Cela ne peut se produire qu’à la suite d’une contamination, soit lors de la
culture, par des eaux d’irrigation ou du fumier eux-mêmes contaminés, soit
plus tard dans la chaîne alimentaire, à la suite de manquements aux règles
d’hygiène de base.
Mais
l’événement actuel est également atypique à d’autres titres :
·
la taille de l’épidémie est inédite en Europe. Dans
le monde, seuls quelques précédents sont connus en matière de légumes crus.
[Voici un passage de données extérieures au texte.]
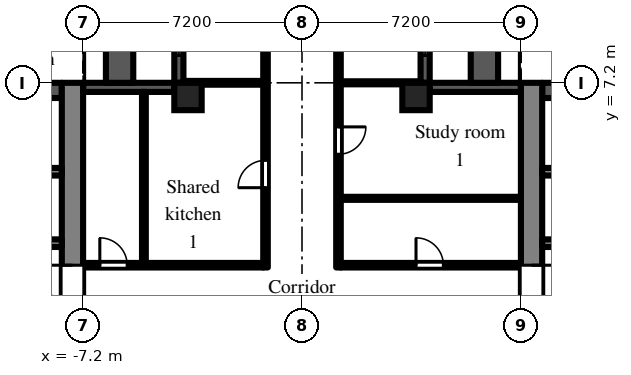
"""IFC4 building model, lengths in metres.
Left out: names, types, materials, properties, quantities, classifications, styles, units other than length and angle.
Written with IfcOpenShell. Run it as: python <this file> out.ifc"""

import sys

from ifc_helpers import new_model, si_unit, direction, frame, frame_2d, origin, origin_2d, place, context, subcontext, project, spatial, rectangle, extrude, element, fill, save


model = new_model("IFC4")
c1 = context("Model", 3, precision=1e-05, world=origin(), true_north=direction((0.0, 1.0)))
c2 = subcontext(c1, "Body", "Model", "MODEL_VIEW")
j1 = project(units=[si_unit("LENGTHUNIT", "METRE"), si_unit("PLANEANGLEUNIT", "RADIAN")], contexts=[c1])
p1 = place(None, origin())
s1 = spatial("IfcSite", under=j1, at=p1, CompositionType="ELEMENT")
p2 = place(p1, origin())
s2 = spatial("IfcBuilding", under=s1, at=p2, CompositionType="ELEMENT")
p3 = place(p2, frame((0.0, 0.0, 29.7)))
s3 = spatial("IfcBuildingStorey", under=s2, at=p3, CompositionType="ELEMENT", Elevation=29.7)
for number, where, z_axis, x_axis in (
    (1, (-3.75, 6.75, 0.0), (0.0, 0.0, 1.0), (1.0, 0.0, 0.0)),
    (2, (3.75, 6.75, 0.0), (0.0, 0.0, 1.0), (1.0, 0.0, 0.0)),
):
    element("IfcColumn", number, at=place(p3, frame(where, z_axis=z_axis, x_axis=x_axis)), inside=s3, PredefinedType="COLUMN", context=c2, shape_type="SweptSolid", body=[
        extrude(rectangle(XDim=0.9, YDim=0.9, at=origin_2d()), origin(), (0.0, 0.0, 1.0), 3.0),
    ])
p4 = place(p3, frame((7.2, 7.05, 0.0), z_axis=(0.0, 0.0, 1.0), x_axis=(-1.0, 0.0, 0.0)))
e3 = element("IfcWall", 3, at=p4, inside=s3, PredefinedType="SOLIDWALL", context=c2, shape_type="SweptSolid", body=[
    extrude(rectangle(XDim=3.0, YDim=0.3, at=frame_2d((1.5, 0.0))), origin(), (0.0, 0.0, 1.0), 2.1),
])
p5 = place(p3, frame((4.05, 7.2, 0.0), z_axis=(0.0, 0.0, 1.0), x_axis=(0.0, 1.0, 0.0)))
e4 = element("IfcWall", 4, at=p5, inside=s3, PredefinedType="SOLIDWALL", context=c2, shape_type="SweptSolid", body=[
    extrude(rectangle(XDim=7.2, YDim=0.3, at=frame_2d((3.6, 0.0))), origin(), (0.0, 0.0, 1.0), 2.1),
])
p6 = place(p5, frame((3.0, 0.0, 0.0)))
e5 = element("IfcOpeningElement", 5, at=p6, cuts=e4, PredefinedType="OPENING", context=c2, shape_type="SweptSolid", body=[
    extrude(rectangle(XDim=1.2, YDim=2.05, at=frame_2d((0.6, 1.025))), frame((0.0, 0.16, 0.0), z_axis=(0.0, -1.0, 0.0), x_axis=(1.0, 0.0, 0.0)), (0.0, 0.0, 1.0), 0.32),
])
p7 = place(p5, frame((0.9, 0.0, 0.2)))
e6 = element("IfcOpeningElement", 6, at=p7, cuts=e4, PredefinedType="OPENING", context=c2, shape_type="SweptSolid", body=[
    extrude(rectangle(XDim=1.8, YDim=1.85, at=frame_2d((0.9, 0.925))), frame((0.0, 0.16, 0.0), z_axis=(0.0, -1.0, 0.0), x_axis=(1.0, 0.0, 0.0)), (0.0, 0.0, 1.0), 0.32),
])
p8 = place(p5, frame((4.5, 0.0, 0.2)))
e7 = element("IfcOpeningElement", 7, at=p8, cuts=e4, PredefinedType="OPENING", context=c2, shape_type="SweptSolid", body=[
    extrude(rectangle(XDim=1.8, YDim=1.85, at=frame_2d((0.9, 0.925))), frame((0.0, 0.16, 0.0), z_axis=(0.0, -1.0, 0.0), x_axis=(1.0, 0.0, 0.0)), (0.0, 0.0, 1.0), 0.32),
])
p9 = place(p3, frame((-4.05, 14.4, 0.0), z_axis=(0.0, 0.0, 1.0), x_axis=(0.0, -1.0, 0.0)))
e8 = element("IfcWall", 8, at=p9, inside=s3, PredefinedType="SOLIDWALL", context=c2, shape_type="SweptSolid", body=[
    extrude(rectangle(XDim=7.2, YDim=0.3, at=frame_2d((3.6, 0.0))), origin(), (0.0, 0.0, 1.0), 2.1),
])
p10 = place(p9, frame((3.0, 0.0, 0.0)))
e9 = element("IfcOpeningElement", 9, at=p10, cuts=e8, PredefinedType="OPENING", context=c2, shape_type="SweptSolid", body=[
    extrude(rectangle(XDim=1.2, YDim=2.05, at=frame_2d((0.6, 1.025))), frame((0.0, 0.16, 0.0), z_axis=(0.0, -1.0, 0.0), x_axis=(1.0, 0.0, 0.0)), (0.0, 0.0, 1.0), 0.32),
])
p11 = place(p9, frame((0.9, 0.0, 0.2)))
e10 = element("IfcOpeningElement", 10, at=p11, cuts=e8, PredefinedType="OPENING", context=c2, shape_type="SweptSolid", body=[
    extrude(rectangle(XDim=1.8, YDim=1.85, at=frame_2d((0.9, 0.925))), frame((0.0, 0.16, 0.0), z_axis=(0.0, -1.0, 0.0), x_axis=(1.0, 0.0, 0.0)), (0.0, 0.0, 1.0), 0.32),
])
p12 = place(p9, frame((4.5, 0.0, 0.2)))
e11 = element("IfcOpeningElement", 11, at=p12, cuts=e8, PredefinedType="OPENING", context=c2, shape_type="SweptSolid", body=[
    extrude(rectangle(XDim=1.8, YDim=1.85, at=frame_2d((0.9, 0.925))), frame((0.0, 0.16, 0.0), z_axis=(0.0, -1.0, 0.0), x_axis=(1.0, 0.0, 0.0)), (0.0, 0.0, 1.0), 0.32),
])
p13 = place(p3, frame((-4.2, 7.05, 0.0), z_axis=(0.0, 0.0, 1.0), x_axis=(-1.0, 0.0, 0.0)))
e12 = element("IfcWall", 12, at=p13, inside=s3, PredefinedType="SOLIDWALL", context=c2, shape_type="SweptSolid", body=[
    extrude(rectangle(XDim=3.0, YDim=0.3, at=frame_2d((1.5, 0.0))), origin(), (0.0, 0.0, 1.0), 2.1),
])
for number, where, z_axis, x_axis in (
    (13, (6.0, 7.2, 0.0), (0.0, 0.0, 1.0), (0.0, 1.0, 0.0)),
    (14, (-6.0, 7.2, 0.0), (0.0, 0.0, 1.0), (0.0, 1.0, 0.0)),
):
    element("IfcWall", number, at=place(p3, frame(where, z_axis=z_axis, x_axis=x_axis)), inside=s3, PredefinedType="PARAPET", context=c2, shape_type="SweptSolid", body=[
        extrude(rectangle(XDim=7.2, YDim=0.9, at=frame_2d((3.6, 0.0))), origin(), (0.0, 0.0, 1.0), 0.8),
    ])
p14 = place(p3, frame((7.55, -7.2, 0.0), z_axis=(0.0, 0.0, 1.0), x_axis=(0.0, 1.0, 0.0)))
e15 = element("IfcWall", 15, at=p14, inside=s3, PredefinedType="SHEAR", context=c2, shape_type="SweptSolid", body=[
    extrude(rectangle(XDim=14.4, YDim=0.7, at=frame_2d((7.2, 0.0))), origin(), (0.0, 0.0, 1.0), 2.575),
])
p15 = place(p14, frame((6.0, 0.0, 0.0)))
e16 = element("IfcOpeningElement", 16, at=p15, cuts=e15, PredefinedType="OPENING", context=c2, shape_type="SweptSolid", body=[
    extrude(rectangle(XDim=2.4, YDim=2.2, at=frame_2d((1.2, 1.1))), frame((0.0, 0.36, 0.0), z_axis=(0.0, -1.0, 0.0), x_axis=(1.0, 0.0, 0.0)), (0.0, 0.0, 1.0), 0.72),
])
p16 = place(p3, frame((7.9, 6.95, 0.0), z_axis=(0.0, 0.0, 1.0), x_axis=(1.0, 0.0, 0.0)))
e17 = element("IfcWall", 17, at=p16, inside=s3, PredefinedType="SHEAR", context=c2, shape_type="SweptSolid", body=[
    extrude(rectangle(XDim=12.95, YDim=0.5, at=frame_2d((6.475, 0.0))), origin(), (0.0, 0.0, 1.0), 2.575),
])
p17 = place(p3, frame((7.9, 1.925, 0.0), z_axis=(0.0, 0.0, 1.0), x_axis=(1.0, 0.0, 0.0)))
e18 = element("IfcWall", 18, at=p17, inside=s3, PredefinedType="SHEAR", context=c2, shape_type="SweptSolid", body=[
    extrude(rectangle(XDim=12.95, YDim=0.25, at=frame_2d((6.475, 0.0))), origin(), (0.0, 0.0, 1.0), 2.575),
])
p18 = place(p17, frame((0.525, 0.0, 0.0)))
e19 = element("IfcOpeningElement", 19, at=p18, cuts=e18, PredefinedType="OPENING", context=c2, shape_type="SweptSolid", body=[
    extrude(rectangle(XDim=0.9, YDim=2.1, at=frame_2d((0.45, 1.05))), frame((0.0, 0.135, 0.0), z_axis=(0.0, -1.0, 0.0), x_axis=(1.0, 0.0, 0.0)), (0.0, 0.0, 1.0), 0.27),
])
p19 = place(p17, frame((2.625, 0.0, 0.0)))
e20 = element("IfcOpeningElement", 20, at=p19, cuts=e18, PredefinedType="OPENING", context=c2, shape_type="SweptSolid", body=[
    extrude(rectangle(XDim=1.1, YDim=2.1, at=frame_2d((0.55, 1.05))), frame((0.0, 0.135, 0.0), z_axis=(0.0, -1.0, 0.0), x_axis=(1.0, 0.0, 0.0)), (0.0, 0.0, 1.0), 0.27),
])
p20 = place(p17, frame((6.025, 0.0, 0.0)))
e21 = element("IfcOpeningElement", 21, at=p20, cuts=e18, PredefinedType="OPENING", context=c2, shape_type="SweptSolid", body=[
    extrude(rectangle(XDim=0.9, YDim=2.1, at=frame_2d((0.45, 1.05))), frame((0.0, 0.135, 0.0), z_axis=(0.0, -1.0, 0.0), x_axis=(1.0, 0.0, 0.0)), (0.0, 0.0, 1.0), 0.27),
])
p21 = place(p17, frame((9.325, 0.0, 0.0)))
e22 = element("IfcOpeningElement", 22, at=p21, cuts=e18, PredefinedType="OPENING", context=c2, shape_type="SweptSolid", body=[
    extrude(rectangle(XDim=0.9, YDim=2.1, at=frame_2d((0.45, 1.05))), frame((0.0, 0.135, 0.0), z_axis=(0.0, -1.0, 0.0), x_axis=(1.0, 0.0, 0.0)), (0.0, 0.0, 1.0), 0.27),
])
p22 = place(p3, frame((7.9, 4.275, 0.0), z_axis=(0.0, 0.0, 1.0), x_axis=(1.0, 0.0, 0.0)))
e23 = element("IfcWall", 23, at=p22, inside=s3, PredefinedType="SHEAR", context=c2, shape_type="SweptSolid", body=[
    extrude(rectangle(XDim=1.95, YDim=0.25, at=frame_2d((0.975, 0.0))), origin(), (0.0, 0.0, 1.0), 2.575),
])
p23 = place(p3, frame((-7.55, -7.2, 0.0), z_axis=(0.0, 0.0, 1.0), x_axis=(0.0, 1.0, 0.0)))
e24 = element("IfcWall", 24, at=p23, inside=s3, PredefinedType="SHEAR", context=c2, shape_type="SweptSolid", body=[
    extrude(rectangle(XDim=14.4, YDim=0.7, at=frame_2d((7.2, 0.0))), origin(), (0.0, 0.0, 1.0), 2.575),
])
p24 = place(p23, frame((6.0, 0.0, 0.0)))
e25 = element("IfcOpeningElement", 25, at=p24, cuts=e24, PredefinedType="OPENING", context=c2, shape_type="SweptSolid", body=[
    extrude(rectangle(XDim=2.4, YDim=2.2, at=frame_2d((1.2, 1.1))), frame((0.0, 0.36, 0.0), z_axis=(0.0, -1.0, 0.0), x_axis=(1.0, 0.0, 0.0)), (0.0, 0.0, 1.0), 0.72),
])
p25 = place(p3, frame((-7.9, 6.95, 0.0), z_axis=(0.0, 0.0, 1.0), x_axis=(-1.0, 0.0, 0.0)))
e26 = element("IfcWall", 26, at=p25, inside=s3, PredefinedType="SHEAR", context=c2, shape_type="SweptSolid", body=[
    extrude(rectangle(XDim=12.95, YDim=0.5, at=frame_2d((6.475, 0.0))), origin(), (0.0, 0.0, 1.0), 2.575),
])
p26 = place(p3, frame((-7.9, 1.925, 0.0), z_axis=(0.0, 0.0, 1.0), x_axis=(-1.0, 0.0, 0.0)))
e27 = element("IfcWall", 27, at=p26, inside=s3, PredefinedType="SHEAR", context=c2, shape_type="SweptSolid", body=[
    extrude(rectangle(XDim=12.95, YDim=0.25, at=frame_2d((6.475, 0.0))), origin(), (0.0, 0.0, 1.0), 2.575),
])
p27 = place(p26, frame((0.525, 0.0, 0.0)))
e28 = element("IfcOpeningElement", 28, at=p27, cuts=e27, PredefinedType="OPENING", context=c2, shape_type="SweptSolid", body=[
    extrude(rectangle(XDim=0.9, YDim=2.1, at=frame_2d((0.45, 1.05))), frame((0.0, 0.135, 0.0), z_axis=(0.0, -1.0, 0.0), x_axis=(1.0, 0.0, 0.0)), (0.0, 0.0, 1.0), 0.27),
])
p28 = place(p26, frame((2.625, 0.0, 0.0)))
e29 = element("IfcOpeningElement", 29, at=p28, cuts=e27, PredefinedType="OPENING", context=c2, shape_type="SweptSolid", body=[
    extrude(rectangle(XDim=1.1, YDim=2.1, at=frame_2d((0.55, 1.05))), frame((0.0, 0.135, 0.0), z_axis=(0.0, -1.0, 0.0), x_axis=(1.0, 0.0, 0.0)), (0.0, 0.0, 1.0), 0.27),
])
p29 = place(p26, frame((6.025, 0.0, 0.0)))
e30 = element("IfcOpeningElement", 30, at=p29, cuts=e27, PredefinedType="OPENING", context=c2, shape_type="SweptSolid", body=[
    extrude(rectangle(XDim=0.9, YDim=2.1, at=frame_2d((0.45, 1.05))), frame((0.0, 0.135, 0.0), z_axis=(0.0, -1.0, 0.0), x_axis=(1.0, 0.0, 0.0)), (0.0, 0.0, 1.0), 0.27),
])
p30 = place(p26, frame((9.325, 0.0, 0.0)))
e31 = element("IfcOpeningElement", 31, at=p30, cuts=e27, PredefinedType="OPENING", context=c2, shape_type="SweptSolid", body=[
    extrude(rectangle(XDim=0.9, YDim=2.1, at=frame_2d((0.45, 1.05))), frame((0.0, 0.135, 0.0), z_axis=(0.0, -1.0, 0.0), x_axis=(1.0, 0.0, 0.0)), (0.0, 0.0, 1.0), 0.27),
])
p31 = place(p3, frame((-7.9, 4.275, 0.0), z_axis=(0.0, 0.0, 1.0), x_axis=(-1.0, 0.0, 0.0)))
e32 = element("IfcWall", 32, at=p31, inside=s3, PredefinedType="SHEAR", context=c2, shape_type="SweptSolid", body=[
    extrude(rectangle(XDim=1.95, YDim=0.25, at=frame_2d((0.975, 0.0))), origin(), (0.0, 0.0, 1.0), 2.575),
])
p32 = place(p3, frame((-7.2, 1.2, 0.0), z_axis=(0.0, 0.0, 1.0), x_axis=(1.0, 0.0, 0.0)))
e33 = element("IfcWall", 33, at=p32, inside=s3, PredefinedType="PARTITIONING", context=c2, shape_type="SweptSolid", body=[
    extrude(rectangle(XDim=5.925, YDim=0.15, at=frame_2d((2.962, 0.0))), origin(), (0.0, 0.0, 1.0), 2.575),
])
p33 = place(p32, frame((0.55, 0.0, 0.0)))
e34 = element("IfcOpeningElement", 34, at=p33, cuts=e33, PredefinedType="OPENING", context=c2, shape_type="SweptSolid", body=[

En particulier : une épidémie qui a touché environ 9 000 enfants au Japon en
1996 à la suite de la consommation de pousses de radis crues, causant 11
décès, et une autre liée à la consommation d’épinards frais aux États-Unis en
2006 touchant 200 personnes avec trois décès. Seules deux épidémies de faible
ampleur ont eu lieu en France en 2005-2006, l’une à partir de camemberts au
lait cru, l’autre de steaks hachés surgelés avec lors de chacune, quelques dizaines
de cas dont 17 graves mais sans décès ;
·
le sérotype en cause : 0104:H4, auquel n’avait
jamais été attribué une telle épidémie. Les EHEC sont identifiés par des
tests sérologiques qui permettent de nommer les différents sérotypes
bactériens rencontrés. Or, O104:H4 ne figurait pas dans la liste des cinq
sérotypes majeurs (O157:H7, O26:H11, O145:H28, O103:H2 et O111:H8)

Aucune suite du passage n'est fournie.